Sergeant Ward committed to community policing
For some time now, friends and colleagues of police sergeant Christopher Ward have boasted that he is one of the country's best officers, and earlier this week, their assertions were confirmed when he was declared second runner-up in LASCO's 15th annual 'Cop of the Year' competition. Ward joined the Jamaica Constabulary Force (JCF) in 2006 and seven years later, took a post as Sergeant-in-Charge of the police station at Castleton, St Mary; the parish where he grew up and attended school.
Although the title of Jamaica's 'Top Cop' eluded Ward, the amiable sergeant says he is humbled to know that members of the community where he works nominated him for the contest.
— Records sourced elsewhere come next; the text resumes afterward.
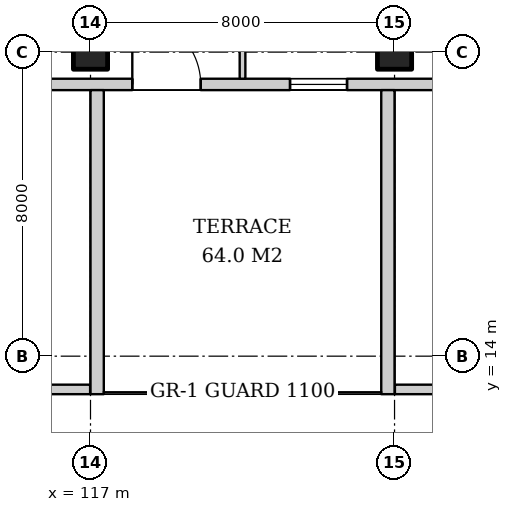
"""IFC4 building model, lengths in metres.
Left out: names, types, materials, properties, quantities, classifications, styles, units other than length and angle.
Written with IfcOpenShell. Run it as: python <this file> out.ifc"""

import sys

from ifc_helpers import new_model, si_unit, direction, frame, frame_2d, origin, origin_2d, place, context, subcontext, project, spatial, rectangle, extrude, element, fill, save


model = new_model("IFC4")
c1 = context("Model", 3, precision=1e-05, world=origin(), true_north=direction((0.0, 1.0)))
c2 = subcontext(c1, "Body", "Model", "MODEL_VIEW")
j1 = project(units=[si_unit("LENGTHUNIT", "METRE"), si_unit("PLANEANGLEUNIT", "RADIAN")], contexts=[c1])
p1 = place(None, origin())
s1 = spatial("IfcSite", under=j1, at=p1, CompositionType="ELEMENT")
p2 = place(p1, origin())
s2 = spatial("IfcBuilding", under=s1, at=p2, CompositionType="ELEMENT")
p3 = place(p2, frame((0.0, 0.0, 11.0)))
s3 = spatial("IfcBuildingStorey", under=s2, at=p3, CompositionType="ELEMENT", Elevation=11.0)
for number, where, z_axis, x_axis in (
    (1, (117.0, 22.0, 0.0), (0.0, 0.0, 1.0), (1.0, 0.0, 0.0)),
    (2, (125.0, 22.0, 0.0), (0.0, 0.0, 1.0), (1.0, 0.0, 0.0)),
):
    element("IfcColumn", number, at=place(p3, frame(where, z_axis=z_axis, x_axis=x_axis)), inside=s3, PredefinedType="COLUMN", context=c2, shape_type="SweptSolid", body=[
        extrude(rectangle(XDim=0.9, YDim=0.9, at=origin_2d()), origin(), (0.0, 0.0, 1.0), 5.0),
    ])
p4 = place(p3, frame((92.0, 21.15, 0.0), z_axis=(0.0, 0.0, 1.0), x_axis=(1.0, 0.0, 0.0)))
e3 = element("IfcWall", 3, at=p4, inside=s3, PredefinedType="SOLIDWALL", context=c2, shape_type="SweptSolid", body=[
    extrude(rectangle(XDim=50.0, YDim=0.3, at=frame_2d((25.0, 0.0))), origin(), (0.0, 0.0, 1.0), 4.7),
])
p5 = place(p4, frame((1.5, 0.0, 0.9)))
e4 = element("IfcOpeningElement", 4, at=p5, cuts=e3, PredefinedType="OPENING", context=c2, shape_type="SweptSolid", body=[
    extrude(rectangle(XDim=1.5, YDim=3.2, at=frame_2d((0.75, 1.6))), frame((0.0, 0.16, 0.0), z_axis=(0.0, -1.0, 0.0), x_axis=(1.0, 0.0, 0.0)), (0.0, 0.0, 1.0), 0.32),
])
p6 = place(p4, frame((6.0, 0.0, 0.9)))
e5 = element("IfcOpeningElement", 5, at=p6, cuts=e3, PredefinedType="OPENING", context=c2, shape_type="SweptSolid", body=[
    extrude(rectangle(XDim=1.5, YDim=3.2, at=frame_2d((0.75, 1.6))), frame((0.0, 0.16, 0.0), z_axis=(0.0, -1.0, 0.0), x_axis=(1.0, 0.0, 0.0)), (0.0, 0.0, 1.0), 0.32),
])
p7 = place(p4, frame((10.25, 0.0, 0.9)))
e6 = element("IfcOpeningElement", 6, at=p7, cuts=e3, PredefinedType="OPENING", context=c2, shape_type="SweptSolid", body=[
    extrude(rectangle(XDim=1.5, YDim=3.2, at=frame_2d((0.75, 1.6))), frame((0.0, 0.16, 0.0), z_axis=(0.0, -1.0, 0.0), x_axis=(1.0, 0.0, 0.0)), (0.0, 0.0, 1.0), 0.32),
])
p8 = place(p4, frame((14.25, 0.0, 0.9)))
e7 = element("IfcOpeningElement", 7, at=p8, cuts=e3, PredefinedType="OPENING", context=c2, shape_type="SweptSolid", body=[
    extrude(rectangle(XDim=1.5, YDim=3.2, at=frame_2d((0.75, 1.6))), frame((0.0, 0.16, 0.0), z_axis=(0.0, -1.0, 0.0), x_axis=(1.0, 0.0, 0.0)), (0.0, 0.0, 1.0), 0.32),
])
p9 = place(p4, frame((18.25, 0.0, 0.9)))
e8 = element("IfcOpeningElement", 8, at=p9, cuts=e3, PredefinedType="OPENING", context=c2, shape_type="SweptSolid", body=[
    extrude(rectangle(XDim=1.5, YDim=3.2, at=frame_2d((0.75, 1.6))), frame((0.0, 0.16, 0.0), z_axis=(0.0, -1.0, 0.0), x_axis=(1.0, 0.0, 0.0)), (0.0, 0.0, 1.0), 0.32),
])
p10 = place(p4, frame((22.25, 0.0, 0.9)))
e9 = element("IfcOpeningElement", 9, at=p10, cuts=e3, PredefinedType="OPENING", context=c2, shape_type="SweptSolid", body=[
    extrude(rectangle(XDim=1.5, YDim=3.2, at=frame_2d((0.75, 1.6))), frame((0.0, 0.16, 0.0), z_axis=(0.0, -1.0, 0.0), x_axis=(1.0, 0.0, 0.0)), (0.0, 0.0, 1.0), 0.32),
])
p11 = place(p4, frame((26.1, 0.0, 0.0)))
e10 = element("IfcOpeningElement", 10, at=p11, cuts=e3, PredefinedType="OPENING", context=c2, shape_type="SweptSolid", body=[
    extrude(rectangle(XDim=1.8, YDim=2.4, at=frame_2d((0.9, 1.2))), frame((0.0, 0.16, 0.0), z_axis=(0.0, -1.0, 0.0), x_axis=(1.0, 0.0, 0.0)), (0.0, 0.0, 1.0), 0.32),
])
p12 = place(p4, frame((30.25, 0.0, 0.9)))
e11 = element("IfcOpeningElement", 11, at=p12, cuts=e3, PredefinedType="OPENING", context=c2, shape_type="SweptSolid", body=[
    extrude(rectangle(XDim=1.5, YDim=3.2, at=frame_2d((0.75, 1.6))), frame((0.0, 0.16, 0.0), z_axis=(0.0, -1.0, 0.0), x_axis=(1.0, 0.0, 0.0)), (0.0, 0.0, 1.0), 0.32),
])
p13 = place(p4, frame((34.25, 0.0, 0.9)))
e12 = element("IfcOpeningElement", 12, at=p13, cuts=e3, PredefinedType="OPENING", context=c2, shape_type="SweptSolid", body=[
    extrude(rectangle(XDim=1.5, YDim=3.2, at=frame_2d((0.75, 1.6))), frame((0.0, 0.16, 0.0), z_axis=(0.0, -1.0, 0.0), x_axis=(1.0, 0.0, 0.0)), (0.0, 0.0, 1.0), 0.32),
])
p14 = place(p4, frame((38.25, 0.0, 0.9)))
e13 = element("IfcOpeningElement", 13, at=p14, cuts=e3, PredefinedType="OPENING", context=c2, shape_type="SweptSolid", body=[
    extrude(rectangle(XDim=1.5, YDim=3.2, at=frame_2d((0.75, 1.6))), frame((0.0, 0.16, 0.0), z_axis=(0.0, -1.0, 0.0), x_axis=(1.0, 0.0, 0.0)), (0.0, 0.0, 1.0), 0.32),
])
p15 = place(p4, frame((42.5, 0.0, 0.9)))
e14 = element("IfcOpeningElement", 14, at=p15, cuts=e3, PredefinedType="OPENING", context=c2, shape_type="SweptSolid", body=[
    extrude(rectangle(XDim=1.5, YDim=3.2, at=frame_2d((0.75, 1.6))), frame((0.0, 0.16, 0.0), z_axis=(0.0, -1.0, 0.0), x_axis=(1.0, 0.0, 0.0)), (0.0, 0.0, 1.0), 0.32),
])
p16 = place(p4, frame((47.0, 0.0, 0.9)))
e15 = element("IfcOpeningElement", 15, at=p16, cuts=e3, PredefinedType="OPENING", context=c2, shape_type="SweptSolid", body=[
    extrude(rectangle(XDim=1.5, YDim=3.2, at=frame_2d((0.75, 1.6))), frame((0.0, 0.16, 0.0), z_axis=(0.0, -1.0, 0.0), x_axis=(1.0, 0.0, 0.0)), (0.0, 0.0, 1.0), 0.32),
])
p17 = place(p3, frame((92.0, 13.125, 0.0), z_axis=(0.0, 0.0, 1.0), x_axis=(1.0, 0.0, 0.0)))
e16 = element("IfcWall", 16, at=p17, inside=s3, PredefinedType="PARAPET", context=c2, shape_type="SweptSolid", body=[
    extrude(rectangle(XDim=24.99, YDim=0.25, at=frame_2d((12.495, 0.0))), origin(), (0.0, 0.0, 1.0), 1.1),
])
p18 = place(p3, frame((125.01, 13.125, 0.0), z_axis=(0.0, 0.0, 1.0), x_axis=(1.0, 0.0, 0.0)))
e17 = element("IfcWall", 17, at=p18, inside=s3, PredefinedType="PARAPET", context=c2, shape_type="SweptSolid", body=[
    extrude(rectangle(XDim=16.99, YDim=0.25, at=frame_2d((8.495, 0.0))), origin(), (0.0, 0.0, 1.0), 1.1),
])
for number, where, z_axis, x_axis in (
    (18, (117.175, 13.0, 0.0), (0.0, 0.0, 1.0), (0.0, 1.0, 0.0)),
    (19, (124.825, 13.0, 0.0), (0.0, 0.0, 1.0), (0.0, 1.0, 0.0)),
):
    element("IfcWall", number, at=place(p3, frame(where, z_axis=z_axis, x_axis=x_axis)), inside=s3, PredefinedType="PARAPET", context=c2, shape_type="SweptSolid", body=[
        extrude(rectangle(XDim=8.0, YDim=0.35, at=frame_2d((4.0, 0.0))), origin(), (0.0, 0.0, 1.0), 1.1),
    ])
p19 = place(p3, frame((121.0, 21.3, 0.0), z_axis=(0.0, 0.0, 1.0), x_axis=(0.0, 1.0, 0.0)))
e20 = element("IfcWall", 20, at=p19, inside=s3, PredefinedType="PARTITIONING", context=c2, shape_type="SweptSolid", body=[
    extrude(rectangle(XDim=13.425, YDim=0.15, at=frame_2d((6.712, 0.0))), origin(), (0.0, 0.0, 1.0), 4.15),
])
p20 = place(p11, origin())
e21 = element("IfcDoor", 21, at=p20, inside=s3, OperationType="DOUBLE_DOOR_SINGLE_SWING", PredefinedType="DOOR", context=c2, shape_type="SweptSolid", body=[
    extrude(rectangle(XDim=1.8, YDim=2.4, at=frame_2d((0.9, 1.2))), frame((0.0, 0.025, 0.0), z_axis=(0.0, -1.0, 0.0), x_axis=(1.0, 0.0, 0.0)), (0.0, 0.0, 1.0), 0.05),
])
fill(e10, e21)
p21 = place(p12, origin())
e22 = element("IfcWindow", 22, at=p21, inside=s3, PartitioningType="SINGLE_PANEL", PredefinedType="WINDOW", context=c2, shape_type="SweptSolid", body=[
    extrude(rectangle(XDim=1.5, YDim=3.2, at=frame_2d((0.75, 1.6))), frame((0.0, 0.03, 0.0), z_axis=(0.0, -1.0, 0.0), x_axis=(1.0, 0.0, 0.0)), (0.0, 0.0, 1.0), 0.06),
])
fill(e11, e22)
save(model, sys.argv[1])

He told Rural Xpress: "Taking part in the LASCO competition was great, and it is satisfying to know that out of 14,000 police officers in the JCF, I finished in [the top three]. I had a wonderful time and am looking forward to working closely with the winner [Sergeant Ava Lindo]."
Last year, LASCO named St Mary-based civil servants Sergeant Hodel Harris and Anieta Bailey as 'Top Cop' and 'Teacher of the Year', respectively. Now, Ward has been rated as one of the brightest stars in the JCF's ranks. It would appear the parish is producing a disproportionate number of first-class professionals who are dedicated to progressive development, which can only be a good thing. Ward agrees: "St Mary was always be looked upon as a poverty-stricken parish where there is not much going on, but we're demonstrating that St Mary is a parish to be reckoned with.
"Young people understand the need for change and, as such, the work individuals like Sergeant Harris and Miss Bailey do is very important. "Harris is a very hardworking and humble product of St Mary, who realised she needed to show people that we epitomise change and what it means to be successful.
"Likewise, I've been affiliated with Miss Bailey for a long while and know she makes a tangible contribution to community development. Great things are happening in St Mary and we intend to continue this." Ward owes much of his success to innovative policing strategies that engage young people and members of the community who are normally reluctant to speak with the police. He is a staunch advocate of community policing and proudly acknowledges that St Mary leads the way in this novel style of law enforcement.
Ward explains: "For many years, the JCF was mostly operationally driven; what you would call hardcore policing, but that couldn't last forever because, in all honesty, people's human rights were breached in some of those operations.
"For you to procure vital information, you must be able to communicate and forge partnerships because those roles are vital in crimefighting. Against that background, community-based policing is productive because it bridges the gap between the youths and the police.
"I'm based in Schoolhill, which was on the national hotspot list when I took command of that area, because in 2013, there were two murders, shootings, anti-social behaviour and a lot of community disorder.
"I realised a new strategy was needed to curtail and remove that level of violence, so we sat down with the team at Castleton, introduced community policing, and after six months, Schoolhill was removed from the list. A community police youth club was established and now it's one of the safest areas in Castleton."